If you go compact you can add the M&P9 or M&P40 from Smith & Wesson to your list along with some larger CZ models. I'd probably opt for the M&P from Smith if I were looking for a polymer 9/40 in that price range.









_Smith & Wesson M&P9c 9mm w/ thumb safety, photo courtesy of Smith & Wesson.

_It's pretty small as far as "Compacts" are concerned.


----------



## cwenisch

For some reason I didn't think the M&P had a thumb safety.


----------



## VAMarine

cwenisch said:


> For some reason I didn't think the M&P had a thumb safety.


Only on certain models, the M&P line is available in a bunch of configurations, not just size and caliber, take some time and look over the S&W website and you can look at all the models.


----------



## recoilguy

I you would consider a compact the SR9c is a very nice gun with a thumb saftey.

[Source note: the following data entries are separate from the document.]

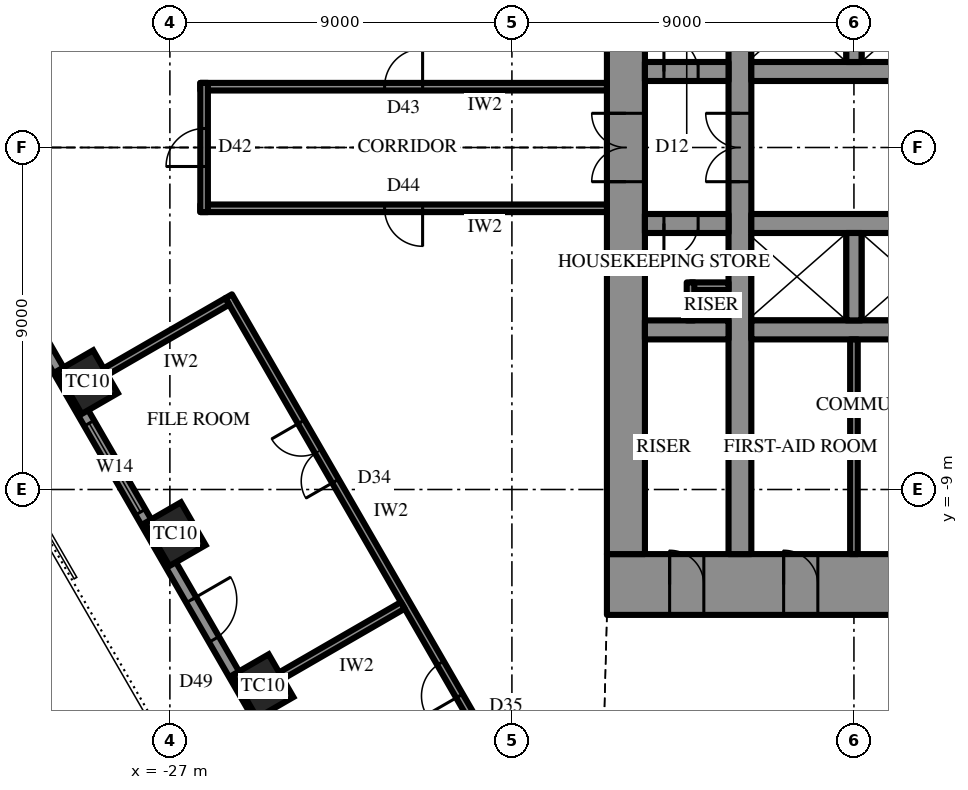
"""IFC4 building model, lengths in metres.
Left out: names, types, materials, properties, quantities, classifications, styles, units other than length and angle.
Written with IfcOpenShell. Run it as: python <this file> out.ifc"""

import sys

from ifc_helpers import new_model, si_unit, direction, frame, frame_2d, origin, origin_2d, place, context, subcontext, project, spatial, rectangle, extrude, element, fill, save


model = new_model("IFC4")
c1 = context("Model", 3, precision=1e-05, world=origin(), true_north=direction((0.0, 1.0)))
c2 = subcontext(c1, "Body", "Model", "MODEL_VIEW")
j1 = project(units=[si_unit("LENGTHUNIT", "METRE"), si_unit("PLANEANGLEUNIT", "RADIAN")], contexts=[c1])
p1 = place(None, origin())
s1 = spatial("IfcSite", under=j1, at=p1, CompositionType="ELEMENT")
p2 = place(p1, origin())
s2 = spatial("IfcBuilding", under=s1, at=p2, CompositionType="ELEMENT")
p3 = place(p2, frame((0.0, 0.0, 249.1)))
s3 = spatial("IfcBuildingStorey", under=s2, at=p3, CompositionType="ELEMENT", Elevation=249.1)
for number, where, z_axis, x_axis in (
    (1, (-29.171, -6.175, 0.0), (0.0, 0.0, 1.0), (0.5, -0.866, 0.0)),
    (2, (-26.861, -10.175, 0.0), (0.0, 0.0, 1.0), (0.5, -0.866, 0.0)),
    (3, (-24.552, -14.175, 0.0), (0.0, 0.0, 1.0), (0.5, -0.866, 0.0)),
):
    element("IfcColumn", number, at=place(p3, frame(where, z_axis=z_axis, x_axis=x_axis)), inside=s3, PredefinedType="COLUMN", context=c2, shape_type="SweptSolid", body=[
        extrude(rectangle(XDim=1.3, YDim=1.1, at=origin_2d()), origin(), (0.0, 0.0, 1.0), 4.2),
    ])
p4 = place(p3, frame((15.5, -11.5, 0.0), z_axis=(0.0, 0.0, 1.0), x_axis=(-1.0, 0.0, 0.0)))
e4 = element("IfcWall", 4, at=p4, inside=s3, PredefinedType="SHEAR", context=c2, shape_type="SweptSolid", body=[
    extrude(rectangle(XDim=31.0, YDim=1.6, at=frame_2d((15.5, 0.0))), origin(), (0.0, 0.0, 1.0), 4.2),
])
p5 = place(p4, frame((16.35, 0.0, 0.0)))
e5 = element("IfcOpeningElement", 5, at=p5, cuts=e4, PredefinedType="OPENING", context=c2, shape_type="SweptSolid", body=[
    extrude(rectangle(XDim=0.9, YDim=2.2, at=frame_2d((0.45, 1.1))), frame((0.0, 0.81, 0.0), z_axis=(0.0, -1.0, 0.0), x_axis=(1.0, 0.0, 0.0)), (0.0, 0.0, 1.0), 1.62),
])
p6 = place(p4, frame((19.35, 0.0, 0.0)))
e6 = element("IfcOpeningElement", 6, at=p6, cuts=e4, PredefinedType="OPENING", context=c2, shape_type="SweptSolid", body=[
    extrude(rectangle(XDim=0.9, YDim=2.2, at=frame_2d((0.45, 1.1))), frame((0.0, 0.81, 0.0), z_axis=(0.0, -1.0, 0.0), x_axis=(1.0, 0.0, 0.0)), (0.0, 0.0, 1.0), 1.62),
])
p7 = place(p4, frame((22.4, 0.0, 0.0)))
e7 = element("IfcOpeningElement", 7, at=p7, cuts=e4, PredefinedType="OPENING", context=c2, shape_type="SweptSolid", body=[
    extrude(rectangle(XDim=1.0, YDim=2.2, at=frame_2d((0.5, 1.1))), frame((0.0, 0.81, 0.0), z_axis=(0.0, -1.0, 0.0), x_axis=(1.0, 0.0, 0.0)), (0.0, 0.0, 1.0), 1.62),
])
p8 = place(p4, frame((1.65, 0.0, 0.0)))
e8 = element("IfcOpeningElement", 8, at=p8, cuts=e4, PredefinedType="OPENING", context=c2, shape_type="SweptSolid", body=[
    extrude(rectangle(XDim=0.9, YDim=2.2, at=frame_2d((0.45, 1.1))), frame((0.0, 0.81, 0.0), z_axis=(0.0, -1.0, 0.0), x_axis=(1.0, 0.0, 0.0)), (0.0, 0.0, 1.0), 1.62),
])
p9 = place(p4, frame((4.65, 0.0, 0.0)))
e9 = element("IfcOpeningElement", 9, at=p9, cuts=e4, PredefinedType="OPENING", context=c2, shape_type="SweptSolid", body=[
    extrude(rectangle(XDim=0.9, YDim=2.2, at=frame_2d((0.45, 1.1))), frame((0.0, 0.81, 0.0), z_axis=(0.0, -1.0, 0.0), x_axis=(1.0, 0.0, 0.0)), (0.0, 0.0, 1.0), 1.62),
])
p10 = place(p4, frame((25.45, 0.0, 0.0)))
e10 = element("IfcOpeningElement", 10, at=p10, cuts=e4, PredefinedType="OPENING", context=c2, shape_type="SweptSolid", body=[
    extrude(rectangle(XDim=0.9, YDim=2.2, at=frame_2d((0.45, 1.1))), frame((0.0, 0.81, 0.0), z_axis=(0.0, -1.0, 0.0), x_axis=(1.0, 0.0, 0.0)), (0.0, 0.0, 1.0), 1.62),
])
p11 = place(p4, frame((28.45, 0.0, 0.0)))
e11 = element("IfcOpeningElement", 11, at=p11, cuts=e4, PredefinedType="OPENING", context=c2, shape_type="SweptSolid", body=[
    extrude(rectangle(XDim=0.9, YDim=2.2, at=frame_2d((0.45, 1.1))), frame((0.0, 0.81, 0.0), z_axis=(0.0, -1.0, 0.0), x_axis=(1.0, 0.0, 0.0)), (0.0, 0.0, 1.0), 1.62),
])
p12 = place(p3, frame((-15.0, 10.7, 0.0), z_axis=(0.0, 0.0, 1.0), x_axis=(0.0, -1.0, 0.0)))
e12 = element("IfcWall", 12, at=p12, inside=s3, PredefinedType="SHEAR", context=c2, shape_type="SweptSolid", body=[
    extrude(rectangle(XDim=21.4, YDim=1.0, at=frame_2d((10.7, 0.0))), origin(), (0.0, 0.0, 1.0), 4.2),
])
p13 = place(p12, frame((9.8, 0.0, 0.0)))
e13 = element("IfcOpeningElement", 13, at=p13, cuts=e12, PredefinedType="OPENING", context=c2, shape_type="SweptSolid", body=[
    extrude(rectangle(XDim=1.8, YDim=2.4, at=frame_2d((0.9, 1.2))), frame((0.0, 0.51, 0.0), z_axis=(0.0, -1.0, 0.0), x_axis=(1.0, 0.0, 0.0)), (0.0, 0.0, 1.0), 1.02),
])
p14 = place(p3, frame((-12.0, -10.7, 0.0), z_axis=(0.0, 0.0, 1.0), x_axis=(0.0, 1.0, 0.0)))
e14 = element("IfcWall", 14, at=p14, inside=s3, PredefinedType="SHEAR", context=c2, shape_type="SweptSolid", body=[
    extrude(rectangle(XDim=21.4, YDim=0.6, at=frame_2d((10.7, 0.0))), origin(), (0.0, 0.0, 1.0), 4.2),
])
p15 = place(p14, frame((9.8, 0.0, 0.0)))
e15 = element("IfcOpeningElement", 15, at=p15, cuts=e14, PredefinedType="OPENING", context=c2, shape_type="SweptSolid", body=[
    extrude(rectangle(XDim=1.8, YDim=2.4, at=frame_2d((0.9, 1.2))), frame((0.0, 0.31, 0.0), z_axis=(0.0, -1.0, 0.0), x_axis=(1.0, 0.0, 0.0)), (0.0, 0.0, 1.0), 0.62),
])
p16 = place(p3, frame((-14.5, 2.0, 0.0), z_axis=(0.0, 0.0, 1.0), x_axis=(1.0, 0.0, 0.0)))
e16 = element("IfcWall", 16, at=p16, inside=s3, PredefinedType="SHEAR", context=c2, shape_type="SweptSolid", body=[
    extrude(rectangle(XDim=2.2, YDim=0.5, at=frame_2d((1.1, 0.0))), origin(), (0.0, 0.0, 1.0), 4.2),
])
p17 = place(p16, frame((0.5, 0.0, 0.0)))
e17 = element("IfcOpeningElement", 17, at=p17, cuts=e16, PredefinedType="OPENING", context=c2, shape_type="SweptSolid", body=[
    extrude(rectangle(XDim=0.9, YDim=2.2, at=frame_2d((0.45, 1.1))), frame((0.0, 0.26, 0.0), z_axis=(0.0, -1.0, 0.0), x_axis=(1.0, 0.0, 0.0)), (0.0, 0.0, 1.0), 0.52),
])
p18 = place(p3, frame((-11.7, 2.0, 0.0), z_axis=(0.0, 0.0, 1.0), x_axis=(1.0, 0.0, 0.0)))
e18 = element("IfcWall", 18, at=p18, inside=s3, PredefinedType="SHEAR", context=c2, shape_type="SweptSolid", body=[
    extrude(rectangle(XDim=5.9, YDim=0.5, at=frame_2d((2.95, 0.0))), origin(), (0.0, 0.0, 1.0), 4.2),
])
p19 = place(p3, frame((-9.0, 2.25, 0.0), z_axis=(0.0, 0.0, 1.0), x_axis=(0.0, 1.0, 0.0)))
e19 = element("IfcWall", 19, at=p19, inside=s3, PredefinedType="SHEAR", context=c2, shape_type="SweptSolid", body=[
    extrude(rectangle(XDim=2.3, YDim=0.4, at=frame_2d((1.15, 0.0))), origin(), (0.0, 0.0, 1.0), 4.2),
])
p20 = place(p3, frame((3.2, -2.0, 0.0), z_axis=(0.0, 0.0, 1.0), x_axis=(-1.0, 0.0, 0.0)))
e20 = element("IfcWall", 20, at=p20, inside=s3, PredefinedType="SHEAR", context=c2, shape_type="SweptSolid", body=[
    extrude(rectangle(XDim=14.9, YDim=0.5, at=frame_2d((7.45, 0.0))), origin(), (0.0, 0.0, 1.0), 4.2),
])
p21 = place(p20, frame((1.15, 0.0, 0.0)))
e21 = element("IfcOpeningElement", 21, at=p21, cuts=e20, PredefinedType="OPENING", context=c2, shape_type="SweptSolid", body=[
    extrude(rectangle(XDim=1.1, YDim=2.2, at=frame_2d((0.55, 1.1))), frame((0.0, 0.26, 0.0), z_axis=(0.0, -1.0, 0.0), x_axis=(1.0, 0.0, 0.0)), (0.0, 0.0, 1.0), 0.52),
])
p22 = place(p20, frame((4.15, 0.0, 0.0)))
e22 = element("IfcOpeningElement", 22, at=p22, cuts=e20, PredefinedType="OPENING", context=c2, shape_type="SweptSolid", body=[
    extrude(rectangle(XDim=1.1, YDim=2.2, at=frame_2d((0.55, 1.1))), frame((0.0, 0.26, 0.0), z_axis=(0.0, -1.0, 0.0), x_axis=(1.0, 0.0, 0.0)), (0.0, 0.0, 1.0), 0.52),
])
p23 = place(p20, frame((7.15, 0.0, 0.0)))
e23 = element("IfcOpeningElement", 23, at=p23, cuts=e20, PredefinedType="OPENING", context=c2, shape_type="SweptSolid", body=[
    extrude(rectangle(XDim=1.1, YDim=2.2, at=frame_2d((0.55, 1.1))), frame((0.0, 0.26, 0.0), z_axis=(0.0, -1.0, 0.0), x_axis=(1.0, 0.0, 0.0)), (0.0, 0.0, 1.0), 0.52),
])
p24 = place(p20, frame((10.15, 0.0, 0.0)))
e24 = element("IfcOpeningElement", 24, at=p24, cuts=e20, PredefinedType="OPENING", context=c2, shape_type="SweptSolid", body=[
    extrude(rectangle(XDim=1.1, YDim=2.2, at=frame_2d((0.55, 1.1))), frame((0.0, 0.26, 0.0), z_axis=(0.0, -1.0, 0.0), x_axis=(1.0, 0.0, 0.0)), (0.0, 0.0, 1.0), 0.52),
])
p25 = place(p3, frame((-12.3, -2.0, 0.0), z_axis=(0.0, 0.0, 1.0), x_axis=(-1.0, 0.0, 0.0)))
e25 = element("IfcWall", 25, at=p25, inside=s3, PredefinedType="SHEAR", context=c2, shape_type="SweptSolid", body=[
    extrude(rectangle(XDim=2.2, YDim=0.5, at=frame_2d((1.1, 0.0))), origin(), (0.0, 0.0, 1.0), 4.2),
])
p26 = place(p25, frame((0.8, 0.0, 0.0)))
e26 = element("IfcOpeningElement", 26, at=p26, cuts=e25, PredefinedType="OPENING", context=c2, shape_type="SweptSolid", body=[
    extrude(rectangle(XDim=0.9, YDim=2.2, at=frame_2d((0.45, 1.1))), frame((0.0, 0.26, 0.0), z_axis=(0.0, -1.0, 0.0), x_axis=(1.0, 0.0, 0.0)), (0.0, 0.0, 1.0), 0.52),
])
p27 = place(p3, frame((11.7, -4.8, 0.0), z_axis=(0.0, 0.0, 1.0), x_axis=(-1.0, 0.0, 0.0)))
e27 = element("IfcWall", 27, at=p27, inside=s3, PredefinedType="SHEAR", context=c2, shape_type="SweptSolid", body=[
    extrude(rectangle(XDim=23.4, YDim=0.5, at=frame_2d((11.7, 0.0))), origin(), (0.0, 0.0, 1.0), 4.2),
])
p28 = place(p27, frame((6.6, 0.0, 0.0)))
e28 = element("IfcOpeningElement", 28, at=p28, cuts=e27, PredefinedType="OPENING", context=c2, shape_type="SweptSolid", body=[
    extrude(rectangle(XDim=1.2, YDim=2.2, at=frame_2d((0.6, 1.1))), frame((0.0, 0.26, 0.0), z_axis=(0.0, -1.0, 0.0), x_axis=(1.0, 0.0, 0.0)), (0.0, 0.0, 1.0), 0.52),
])
p29 = place(p27, frame((3.6, 0.0, 0.0)))
e29 = element("IfcOpeningElement", 29, at=p29, cuts=e27, PredefinedType="OPENING", context=c2, shape_type="SweptSolid", body=[
    extrude(rectangle(XDim=1.2, YDim=2.2, at=frame_2d((0.6, 1.1))), frame((0.0, 0.26, 0.0), z_axis=(0.0, -1.0, 0.0), x_axis=(1.0, 0.0, 0.0)), (0.0, 0.0, 1.0), 0.52),
])
p30 = place(p3, frame((-12.3, -4.8, 0.0), z_axis=(0.0, 0.0, 1.0), x_axis=(-1.0, 0.0, 0.0)))
e30 = element("IfcWall", 30, at=p30, inside=s3, PredefinedType="SHEAR", context=c2, shape_type="SweptSolid", body=[
    extrude(rectangle(XDim=2.2, YDim=0.5, at=frame_2d((1.1, 0.0))), origin(), (0.0, 0.0, 1.0), 4.2),
])
p31 = place(p3, frame((-9.0, -2.25, 0.0), z_axis=(0.0, 0.0, 1.0), x_axis=(0.0, -1.0, 0.0)))
e31 = element("IfcWall", 31, at=p31, inside=s3, PredefinedType="SHEAR", context=c2, shape_type="SweptSolid", body=[
    extrude(rectangle(XDim=2.3, YDim=0.4, at=frame_2d((1.15, 0.0))), origin(), (0.0, 0.0, 1.0), 4.2),
])
p32 = place(p3, frame((-31.263, -3.551, 0.0), z_axis=(0.0, 0.0, 1.0), x_axis=(0.500000442367, -0.866025148383, 0.0)))
e32 = element("IfcWall", 32, at=p32, inside=s3, PredefinedType="SOLIDWALL", context=c2, shape_type="SweptSolid", body=[
    extrude(rectangle(XDim=25.113, YDim=0.3, at=frame_2d((12.556, 0.0))), origin(), (0.0, 0.0, 1.0), 2.8),
])
p33 = place(p32, frame((4.278, 0.0, 0.6)))
e33 = element("IfcOpeningElement", 33, at=p33, cuts=e32, PredefinedType="OPENING", context=c2, shape_type="SweptSolid", body=[
    extrude(rectangle(XDim=2.7, YDim=1.95, at=frame_2d((1.35, 0.975))), frame((0.0, 0.16, 0.0), z_axis=(0.0, -1.0, 0.0), x_axis=(1.0, 0.0, 0.0)), (0.0, 0.0, 1.0), 0.32),
])
p34 = place(p32, frame((9.647, 0.0, 0.0)))
e34 = element("IfcOpeningElement", 34, at=p34, cuts=e32, PredefinedType="OPENING", context=c2, shape_type="SweptSolid", body=[
    extrude(rectangle(XDim=1.2, YDim=2.4, at=frame_2d((0.6, 1.2))), frame((0.0, 0.16, 0.0), z_axis=(0.0, -1.0, 0.0), x_axis=(1.0, 0.0, 0.0)), (0.0, 0.0, 1.0), 0.32),
])
p35 = place(p32, frame((13.516, 0.0, 0.6)))
e35 = element("IfcOpeningElement", 35, at=p35, cuts=e32, PredefinedType="OPENING", context=c2, shape_type="SweptSolid", body=[
    extrude(rectangle(XDim=2.7, YDim=1.95, at=frame_2d((1.35, 0.975))), frame((0.0, 0.16, 0.0), z_axis=(0.0, -1.0, 0.0), x_axis=(1.0, 0.0, 0.0)), (0.0, 0.0, 1.0), 0.32),
])
p36 = place(p32, frame((18.135, 0.0, 0.6)))
e36 = element("IfcOpeningElement", 36, at=p36, cuts=e32, PredefinedType="OPENING", context=c2, shape_type="SweptSolid", body=[
    extrude(rectangle(XDim=2.7, YDim=1.95, at=frame_2d((1.35, 0.975))), frame((0.0, 0.16, 0.0), z_axis=(0.0, -1.0, 0.0), x_axis=(1.0, 0.0, 0.0)), (0.0, 0.0, 1.0), 0.32),
])
p37 = place(p3, frame((-9.0, -5.05, 0.0), z_axis=(0.0, 0.0, 1.0), x_axis=(0.0, -1.0, 0.0)))
e37 = element("IfcWall", 37, at=p37, inside=s3, PredefinedType="PARTITIONING", context=c2, shape_type="SweptSolid", body=[
    extrude(rectangle(XDim=5.65, YDim=0.2, at=frame_2d((2.825, 0.0))), origin(), (0.0, 0.0, 1.0), 4.0),
])
for number, where, z_axis, x_axis in (
    (38, (-12.3, -3.65, 0.0), (0.0, 0.0, 1.0), (-1.0, 0.0, 0.0)),
    (39, (-13.3, -3.55, 0.0), (0.0, 0.0, 1.0), (0.0, -1.0, 0.0)),
):
    element("IfcWall", number, at=place(p3, frame(where, z_axis=z_axis, x_axis=x_axis)), inside=s3, PredefinedType="PARTITIONING", context=c2, shape_type="SweptSolid", body=[
        extrude(rectangle(XDim=1.0, YDim=0.2, at=frame_2d((0.5, 0.0))), origin(), (0.0, 0.0, 1.0), 4.0),
    ])
p38 = place(p3, frame((-25.453, -3.913, 0.0), z_axis=(0.0, 0.0, 1.0), x_axis=(0.499989069193, -0.866031714597, 0.0)))
e40 = element("IfcWall", 40, at=p38, inside=s3, PredefinedType="PARTITIONING", context=c2, shape_type="SweptSolid", body=[
    extrude(rectangle(XDim=14.056, YDim=0.2, at=frame_2d((7.028, 0.0))), origin(), (0.0, 0.0, 1.0), 4.0),
])
p39 = place(p38, frame((3.819, 0.0, 0.0)))
e41 = element("IfcOpeningElement", 41, at=p39, cuts=e40, PredefinedType="OPENING", context=c2, shape_type="SweptSolid", body=[
    extrude(rectangle(XDim=1.8, YDim=2.4, at=frame_2d((0.9, 1.2))), frame((0.0, 0.11, 0.0), z_axis=(0.0, -1.0, 0.0), x_axis=(1.0, 0.0, 0.0)), (0.0, 0.0, 1.0), 0.22),
])
p40 = place(p38, frame((11.147, 0.0, 0.0)))
e42 = element("IfcOpeningElement", 42, at=p40, cuts=e40, PredefinedType="OPENING", context=c2, shape_type="SweptSolid", body=[
    extrude(rectangle(XDim=1.0, YDim=2.2, at=frame_2d((0.5, 1.1))), frame((0.0, 0.11, 0.0), z_axis=(0.0, -1.0, 0.0), x_axis=(1.0, 0.0, 0.0)), (0.0, 0.0, 1.0), 0.22),
])
for number, where, z_axis, x_axis in (
    (43, (-25.49, -4.05, 0.0), (0.0, 0.0, 1.0), (-0.866, -0.5, 0.0)),
    (44, (-20.871, -12.05, 0.0), (0.0, 0.0, 1.0), (-0.866, -0.5, 0.0)),
):
    element("IfcWall", number, at=place(p3, frame(where, z_axis=z_axis, x_axis=x_axis)), inside=s3, PredefinedType="PARTITIONING", context=c2, shape_type="SweptSolid", body=[
        extrude(rectangle(XDim=3.7, YDim=0.2, at=frame_2d((1.85, 0.0))), origin(), (0.0, 0.0, 1.0), 3.082),
    ])
p41 = place(p3, frame((-15.5, 1.6, 0.0), z_axis=(0.0, 0.0, 1.0), x_axis=(-1.0, 0.0, 0.0)))
e45 = element("IfcWall", 45, at=p41, inside=s3, PredefinedType="PARTITIONING", context=c2, shape_type="SweptSolid", body=[
    extrude(rectangle(XDim=10.7, YDim=0.2, at=frame_2d((5.35, 0.0))), origin(), (0.0, 0.0, 1.0), 4.0),
])
p42 = place(p41, frame((4.85, 0.0, 0.0)))
e46 = element("IfcOpeningElement", 46, at=p42, cuts=e45, PredefinedType="OPENING", context=c2, shape_type="SweptSolid", body=[
    extrude(rectangle(XDim=1.0, YDim=2.2, at=frame_2d((0.5, 1.1))), frame((0.0, 0.11, 0.0), z_axis=(0.0, -1.0, 0.0), x_axis=(1.0, 0.0, 0.0)), (0.0, 0.0, 1.0), 0.22),
])
p43 = place(p3, frame((-15.5, -1.6, 0.0), z_axis=(0.0, 0.0, 1.0), x_axis=(-1.0, 0.0, 0.0)))
e47 = element("IfcWall", 47, at=p43, inside=s3, PredefinedType="PARTITIONING", context=c2, shape_type="SweptSolid", body=[
    extrude(rectangle(XDim=10.7, YDim=0.2, at=frame_2d((5.35, 0.0))), origin(), (0.0, 0.0, 1.0), 4.0),
])
p44 = place(p43, frame((4.85, 0.0, 0.0)))
e48 = element("IfcOpeningElement", 48, at=p44, cuts=e47, PredefinedType="OPENING", context=c2, shape_type="SweptSolid", body=[
    extrude(rectangle(XDim=1.0, YDim=2.2, at=frame_2d((0.5, 1.1))), frame((0.0, 0.11, 0.0), z_axis=(0.0, -1.0, 0.0), x_axis=(1.0, 0.0, 0.0)), (0.0, 0.0, 1.0), 0.22),
])
p45 = place(p3, frame((-26.1, -1.7, 0.0), z_axis=(0.0, 0.0, 1.0), x_axis=(0.0, 1.0, 0.0)))
e49 = element("IfcWall", 49, at=p45, inside=s3, PredefinedType="PARTITIONING", context=c2, shape_type="SweptSolid", body=[
    extrude(rectangle(XDim=3.4, YDim=0.2, at=frame_2d((1.7, 0.0))), origin(), (0.0, 0.0, 1.0), 4.0),
])
p46 = place(p45, frame((1.2, 0.0, 0.0)))
e50 = element("IfcOpeningElement", 50, at=p46, cuts=e49, PredefinedType="OPENING", context=c2, shape_type="SweptSolid", body=[
    extrude(rectangle(XDim=1.0, YDim=2.2, at=frame_2d((0.5, 1.1))), frame((0.0, 0.11, 0.0), z_axis=(0.0, -1.0, 0.0), x_axis=(1.0, 0.0, 0.0)), (0.0, 0.0, 1.0), 0.22),
])
p47 = place(p33, origin())
e51 = element("IfcWindow", 51, at=p47, inside=s3, PartitioningType="SINGLE_PANEL", PredefinedType="WINDOW", context=c2, shape_type="SweptSolid", body=[
    extrude(rectangle(XDim=2.7, YDim=1.95, at=frame_2d((1.35, 0.975))), frame((0.0, 0.03, 0.0), z_axis=(0.0, -1.0, 0.0), x_axis=(1.0, 0.0, 0.0)), (0.0, 0.0, 1.0), 0.06),
])
fill(e33, e51)
p48 = place(p34, origin())
e52 = element("IfcDoor", 52, at=p48, inside=s3, OperationType="SINGLE_SWING_RIGHT", PredefinedType="DOOR", context=c2, shape_type="SweptSolid", body=[
    extrude(rectangle(XDim=1.2, YDim=2.4, at=frame_2d((0.6, 1.2))), frame((0.0, 0.025, 0.0), z_axis=(0.0, -1.0, 0.0), x_axis=(1.0, 0.0, 0.0)), (0.0, 0.0, 1.0), 0.05),
])
fill(e34, e52)
p49 = place(p13, frame((1.8, 0.0, 0.0), z_axis=(0.0, 0.0, 1.0), x_axis=(-1.0, 0.0, 0.0)))
e53 = element("IfcDoor", 53, at=p49, inside=s3, OperationType="DOUBLE_DOOR_SINGLE_SWING", PredefinedType="DOOR", context=c2, shape_type="SweptSolid", body=[
    extrude(rectangle(XDim=1.8, YDim=2.4, at=frame_2d((0.9, 1.2))), frame((0.0, 0.025, 0.0), z_axis=(0.0, -1.0, 0.0), x_axis=(1.0, 0.0, 0.0)), (0.0, 0.0, 1.0), 0.05),
])
fill(e13, e53)
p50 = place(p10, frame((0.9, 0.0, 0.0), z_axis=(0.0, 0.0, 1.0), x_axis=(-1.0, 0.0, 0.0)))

I have shoot one many times and made a few holsters for friends who carry them. They are a good gun to consider. I would put it on my list to look at. 

RCG


----------



## VAMarine

recoilguy said:


> I you would consider a compact the SR9c is a very nice gun with a thumb saftey. I have shoot one many times and made a few holsters for friends who carry them. They are a good gun to consider. I would put it on my list to look at.
> 
> RCG


The only issue I have with the SR9/40 is that the safety is just to damn small, trying to get on that thing and disengage it can be a pain in the rear, is great that it makes for a comfortable gun, but it's almost too low profile and too well rounded so that it's almost self defeating.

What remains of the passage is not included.